Saya adalah salah satu ciptaan Tuhan yang pernah berada di dua kondisi semacam itu. Pernah berada dalam fase bahagia dan senyum ceria. Pernah juga berada dalam fase luka dan tetesan air mata.
Suatu ketika, di semester awal kuliah, saya mendapatkan tiga mata kuliah yang ada praktikumnya. Ya, di samping teori (belajar di ruang kelas), ketiga mata kuliah itu juga mengharuskan untuk ikut praktikum (melakukan praktikum di laboratorium). Meskipun praktikumnya masing-masing hanya berbobot satu SKS saja, namun nilai praktikum sangat memengaruhi akan kelulusan seorang mahasiswa.
| Sumber gambar: www.chemistry.untan.ac.id |
Ketiga mata kuliah (praktikum) tersebut harus dijalani sekali seminggu. Dengan demikian, laporan mingguan harus juga ditulis dan di-ACC sekali seminggu. Belum lagi tugas tambahan lainnya, misalnya membuat "Tugas Pendahuluan" sebelum memulai praktikum atau masuk laboratorium. Tugas Pendahuluan ini sebagai prasyarat untuk bisa ikut praktikum.
Menjalani tiga praktikum sekali seminggu selama satu semester, bagi saya bukanlah pekerjaan yang mudah. Sungguh, berat terasa. Namun, mau bagaimana lagi? Semuanya harus dijalani dengan sungguh-sungguh.
Ada hal yang "unik". Tugas Pendahuluan dan juga Laporan Praktikum mingguan dari ketiga mata kuliah itu tidak ditulis/diketik menggunakan komputer. Ya, yang satu tulis tangan, sementara dua lainnya menggunakan mesin ketik.
Kalau tulis tangan, mungkin tidak terlalu berat bagi saya.
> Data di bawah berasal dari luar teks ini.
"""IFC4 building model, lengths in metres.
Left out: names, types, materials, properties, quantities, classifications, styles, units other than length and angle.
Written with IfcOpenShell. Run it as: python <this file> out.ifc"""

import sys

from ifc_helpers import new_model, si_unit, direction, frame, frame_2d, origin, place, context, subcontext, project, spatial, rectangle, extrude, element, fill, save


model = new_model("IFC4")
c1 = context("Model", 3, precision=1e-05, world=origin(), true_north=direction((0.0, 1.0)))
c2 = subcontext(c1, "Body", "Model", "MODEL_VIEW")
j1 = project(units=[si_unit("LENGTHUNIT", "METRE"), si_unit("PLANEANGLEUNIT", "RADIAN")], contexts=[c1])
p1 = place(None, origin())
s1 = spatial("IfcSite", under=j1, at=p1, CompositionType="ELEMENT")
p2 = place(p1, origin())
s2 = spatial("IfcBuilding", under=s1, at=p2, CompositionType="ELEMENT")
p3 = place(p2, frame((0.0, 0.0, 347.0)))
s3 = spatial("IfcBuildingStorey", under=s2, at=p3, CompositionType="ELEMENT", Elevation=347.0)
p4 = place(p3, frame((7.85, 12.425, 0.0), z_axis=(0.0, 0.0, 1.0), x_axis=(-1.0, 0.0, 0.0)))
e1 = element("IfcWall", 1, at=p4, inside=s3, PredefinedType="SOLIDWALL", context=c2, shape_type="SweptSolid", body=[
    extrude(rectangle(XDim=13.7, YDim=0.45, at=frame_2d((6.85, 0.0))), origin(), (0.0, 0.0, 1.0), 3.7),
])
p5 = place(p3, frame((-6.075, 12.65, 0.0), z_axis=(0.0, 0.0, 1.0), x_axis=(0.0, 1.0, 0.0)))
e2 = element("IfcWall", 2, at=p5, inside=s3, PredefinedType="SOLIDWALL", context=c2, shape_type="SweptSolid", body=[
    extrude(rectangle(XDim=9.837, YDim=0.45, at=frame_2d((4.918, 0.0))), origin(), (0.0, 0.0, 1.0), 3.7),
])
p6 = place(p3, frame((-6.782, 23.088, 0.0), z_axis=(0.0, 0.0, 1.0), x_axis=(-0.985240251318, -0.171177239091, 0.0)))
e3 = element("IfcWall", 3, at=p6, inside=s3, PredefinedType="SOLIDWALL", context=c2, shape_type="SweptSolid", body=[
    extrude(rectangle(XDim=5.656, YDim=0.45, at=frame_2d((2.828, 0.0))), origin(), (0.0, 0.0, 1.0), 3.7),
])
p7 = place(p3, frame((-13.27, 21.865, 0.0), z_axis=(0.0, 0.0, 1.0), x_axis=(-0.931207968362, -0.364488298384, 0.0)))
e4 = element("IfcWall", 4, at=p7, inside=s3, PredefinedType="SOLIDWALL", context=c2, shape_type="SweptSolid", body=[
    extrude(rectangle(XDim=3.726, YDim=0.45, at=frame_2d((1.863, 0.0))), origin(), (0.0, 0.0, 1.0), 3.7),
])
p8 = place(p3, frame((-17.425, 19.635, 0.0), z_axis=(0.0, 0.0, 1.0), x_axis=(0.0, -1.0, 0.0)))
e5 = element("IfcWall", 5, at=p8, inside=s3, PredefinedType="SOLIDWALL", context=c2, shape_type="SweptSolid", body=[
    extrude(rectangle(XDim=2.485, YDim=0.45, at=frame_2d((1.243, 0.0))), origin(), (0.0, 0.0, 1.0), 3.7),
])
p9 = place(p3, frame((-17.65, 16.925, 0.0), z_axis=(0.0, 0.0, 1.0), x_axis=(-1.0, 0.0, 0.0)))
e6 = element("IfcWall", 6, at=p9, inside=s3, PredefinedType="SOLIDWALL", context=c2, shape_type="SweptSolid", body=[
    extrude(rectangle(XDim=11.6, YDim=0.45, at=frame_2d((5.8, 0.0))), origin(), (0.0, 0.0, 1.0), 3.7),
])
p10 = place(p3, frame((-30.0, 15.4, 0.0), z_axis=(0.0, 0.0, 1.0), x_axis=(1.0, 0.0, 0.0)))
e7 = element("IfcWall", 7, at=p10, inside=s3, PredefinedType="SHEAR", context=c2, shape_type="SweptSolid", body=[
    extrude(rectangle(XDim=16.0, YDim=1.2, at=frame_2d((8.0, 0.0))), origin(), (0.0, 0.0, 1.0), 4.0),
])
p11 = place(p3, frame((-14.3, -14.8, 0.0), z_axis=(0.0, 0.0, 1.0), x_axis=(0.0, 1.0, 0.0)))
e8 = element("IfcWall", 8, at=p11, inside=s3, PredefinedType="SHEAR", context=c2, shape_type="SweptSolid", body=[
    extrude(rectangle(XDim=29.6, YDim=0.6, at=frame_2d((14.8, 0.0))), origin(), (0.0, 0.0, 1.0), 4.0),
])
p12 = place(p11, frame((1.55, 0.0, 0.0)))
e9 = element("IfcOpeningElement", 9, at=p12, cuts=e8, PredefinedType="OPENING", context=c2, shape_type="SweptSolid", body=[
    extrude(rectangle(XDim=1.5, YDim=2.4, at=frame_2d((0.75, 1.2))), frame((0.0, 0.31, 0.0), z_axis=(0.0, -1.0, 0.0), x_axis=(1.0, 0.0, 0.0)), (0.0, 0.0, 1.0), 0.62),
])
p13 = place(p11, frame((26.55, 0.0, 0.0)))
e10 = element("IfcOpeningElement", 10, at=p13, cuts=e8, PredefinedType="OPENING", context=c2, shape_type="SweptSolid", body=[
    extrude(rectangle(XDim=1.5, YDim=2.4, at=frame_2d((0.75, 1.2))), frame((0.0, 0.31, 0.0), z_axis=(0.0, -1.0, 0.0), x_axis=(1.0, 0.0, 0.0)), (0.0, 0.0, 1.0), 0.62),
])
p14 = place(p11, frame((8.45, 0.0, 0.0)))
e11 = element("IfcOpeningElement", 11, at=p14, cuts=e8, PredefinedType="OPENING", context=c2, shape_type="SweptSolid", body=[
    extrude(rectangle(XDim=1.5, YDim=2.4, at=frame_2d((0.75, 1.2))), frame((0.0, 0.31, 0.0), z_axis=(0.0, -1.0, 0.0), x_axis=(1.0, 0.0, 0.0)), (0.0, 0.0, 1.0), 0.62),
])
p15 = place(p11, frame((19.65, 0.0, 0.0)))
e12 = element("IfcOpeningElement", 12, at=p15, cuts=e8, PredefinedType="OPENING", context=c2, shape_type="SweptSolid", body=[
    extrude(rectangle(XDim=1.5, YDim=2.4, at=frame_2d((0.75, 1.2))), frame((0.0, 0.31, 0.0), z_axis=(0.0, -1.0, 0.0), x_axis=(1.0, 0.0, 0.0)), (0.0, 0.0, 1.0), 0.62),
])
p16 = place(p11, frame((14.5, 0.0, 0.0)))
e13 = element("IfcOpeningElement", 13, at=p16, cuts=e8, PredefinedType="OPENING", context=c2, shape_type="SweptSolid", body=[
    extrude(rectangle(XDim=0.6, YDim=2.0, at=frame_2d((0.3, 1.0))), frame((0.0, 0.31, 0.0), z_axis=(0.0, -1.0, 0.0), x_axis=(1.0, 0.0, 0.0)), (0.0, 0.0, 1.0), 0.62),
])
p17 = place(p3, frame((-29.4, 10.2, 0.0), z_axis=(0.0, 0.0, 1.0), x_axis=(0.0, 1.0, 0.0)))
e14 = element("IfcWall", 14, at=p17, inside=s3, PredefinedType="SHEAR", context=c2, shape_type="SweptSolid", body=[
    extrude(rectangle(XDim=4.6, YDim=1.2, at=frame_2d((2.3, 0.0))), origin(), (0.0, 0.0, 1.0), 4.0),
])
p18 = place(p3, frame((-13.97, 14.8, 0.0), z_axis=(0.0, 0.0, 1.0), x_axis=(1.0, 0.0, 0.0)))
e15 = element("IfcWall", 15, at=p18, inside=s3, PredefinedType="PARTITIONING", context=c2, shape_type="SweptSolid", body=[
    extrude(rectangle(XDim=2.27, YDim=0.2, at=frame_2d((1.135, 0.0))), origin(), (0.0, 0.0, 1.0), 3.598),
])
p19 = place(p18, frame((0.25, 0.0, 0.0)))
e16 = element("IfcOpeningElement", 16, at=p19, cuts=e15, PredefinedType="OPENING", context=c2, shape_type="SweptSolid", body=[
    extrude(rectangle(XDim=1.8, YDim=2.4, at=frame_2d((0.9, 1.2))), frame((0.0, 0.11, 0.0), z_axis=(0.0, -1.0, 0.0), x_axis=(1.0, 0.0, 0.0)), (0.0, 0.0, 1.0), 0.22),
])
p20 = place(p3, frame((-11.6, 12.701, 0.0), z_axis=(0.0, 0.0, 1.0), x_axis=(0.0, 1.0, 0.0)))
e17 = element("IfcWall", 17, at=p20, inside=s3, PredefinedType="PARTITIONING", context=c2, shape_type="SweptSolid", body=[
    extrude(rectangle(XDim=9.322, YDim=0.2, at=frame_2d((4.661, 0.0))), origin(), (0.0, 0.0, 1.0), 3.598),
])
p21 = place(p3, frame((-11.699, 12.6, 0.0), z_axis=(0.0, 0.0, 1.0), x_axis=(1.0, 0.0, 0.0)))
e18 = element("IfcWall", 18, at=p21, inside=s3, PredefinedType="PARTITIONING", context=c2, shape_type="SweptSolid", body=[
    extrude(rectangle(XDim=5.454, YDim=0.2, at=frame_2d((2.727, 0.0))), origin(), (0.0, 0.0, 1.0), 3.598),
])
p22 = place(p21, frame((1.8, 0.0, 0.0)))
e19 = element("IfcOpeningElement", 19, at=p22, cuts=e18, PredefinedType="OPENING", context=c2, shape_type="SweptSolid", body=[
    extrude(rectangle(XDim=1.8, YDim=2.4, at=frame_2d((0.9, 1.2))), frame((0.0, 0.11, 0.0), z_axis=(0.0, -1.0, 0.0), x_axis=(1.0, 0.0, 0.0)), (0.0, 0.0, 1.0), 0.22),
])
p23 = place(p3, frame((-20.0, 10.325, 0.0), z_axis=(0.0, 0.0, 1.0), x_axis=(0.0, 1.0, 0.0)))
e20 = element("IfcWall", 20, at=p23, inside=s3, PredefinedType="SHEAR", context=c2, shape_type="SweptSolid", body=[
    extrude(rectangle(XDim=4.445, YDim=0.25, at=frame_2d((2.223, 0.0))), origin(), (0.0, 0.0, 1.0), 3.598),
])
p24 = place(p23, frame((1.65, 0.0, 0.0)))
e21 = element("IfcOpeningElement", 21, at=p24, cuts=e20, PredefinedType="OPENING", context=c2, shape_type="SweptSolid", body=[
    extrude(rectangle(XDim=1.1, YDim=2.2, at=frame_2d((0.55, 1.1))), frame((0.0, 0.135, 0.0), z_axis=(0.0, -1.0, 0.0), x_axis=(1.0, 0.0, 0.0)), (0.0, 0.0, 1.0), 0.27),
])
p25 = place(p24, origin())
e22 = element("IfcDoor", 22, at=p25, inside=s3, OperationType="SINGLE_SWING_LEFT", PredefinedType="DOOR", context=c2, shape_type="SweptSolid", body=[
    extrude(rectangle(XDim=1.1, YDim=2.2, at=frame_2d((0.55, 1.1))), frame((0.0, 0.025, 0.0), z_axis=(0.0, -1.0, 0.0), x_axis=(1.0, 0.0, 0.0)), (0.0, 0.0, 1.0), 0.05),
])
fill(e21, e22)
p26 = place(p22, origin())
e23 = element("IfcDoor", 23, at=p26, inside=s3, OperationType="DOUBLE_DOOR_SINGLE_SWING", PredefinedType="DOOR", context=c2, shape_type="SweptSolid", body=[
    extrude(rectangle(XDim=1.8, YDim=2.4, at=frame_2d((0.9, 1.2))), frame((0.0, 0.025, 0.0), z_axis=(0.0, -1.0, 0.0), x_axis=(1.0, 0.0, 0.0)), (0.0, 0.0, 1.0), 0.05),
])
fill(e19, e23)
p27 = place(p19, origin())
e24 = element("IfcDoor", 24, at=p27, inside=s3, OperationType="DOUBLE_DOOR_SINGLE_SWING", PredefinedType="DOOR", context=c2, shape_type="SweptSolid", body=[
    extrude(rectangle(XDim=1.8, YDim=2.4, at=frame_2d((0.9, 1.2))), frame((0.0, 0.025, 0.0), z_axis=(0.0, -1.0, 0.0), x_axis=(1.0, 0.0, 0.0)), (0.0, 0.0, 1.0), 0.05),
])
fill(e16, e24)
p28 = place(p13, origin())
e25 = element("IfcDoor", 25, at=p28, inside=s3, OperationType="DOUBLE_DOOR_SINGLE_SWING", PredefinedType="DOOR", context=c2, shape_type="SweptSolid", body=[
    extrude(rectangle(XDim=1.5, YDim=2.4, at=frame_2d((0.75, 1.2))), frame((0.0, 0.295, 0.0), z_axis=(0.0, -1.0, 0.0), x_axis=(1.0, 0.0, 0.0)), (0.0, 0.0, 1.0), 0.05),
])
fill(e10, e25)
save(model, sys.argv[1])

Tapi, yang bermasalah adalah yang menggunakan mesin ketik. Sebab, saat itu, saya tidak akrab dengan mesin ketik. Untung saja, saya punya beberapa senior atau teman yang bersedia meminjami saya mesin ketiknya, dan juga mengajari saya bagaimana menggunakan mesin ketik tersebut.
Tiada hari tanpa suara mesin ketik. Juga tiada hari tanpa tulis tangan. Antara laporan praktikum mingguan yang ditulis tangan dan yang menggunakan mesin ketik, harus bersamaan selesai setiap minggunya. Begitu seterusnya selama satu semester berlangsung. Harus di-ACC. Jika tidak dapat ACC (plus) dari asisten lab, maka tidak bisa masuk lab dan ikut praktikum selanjutnya.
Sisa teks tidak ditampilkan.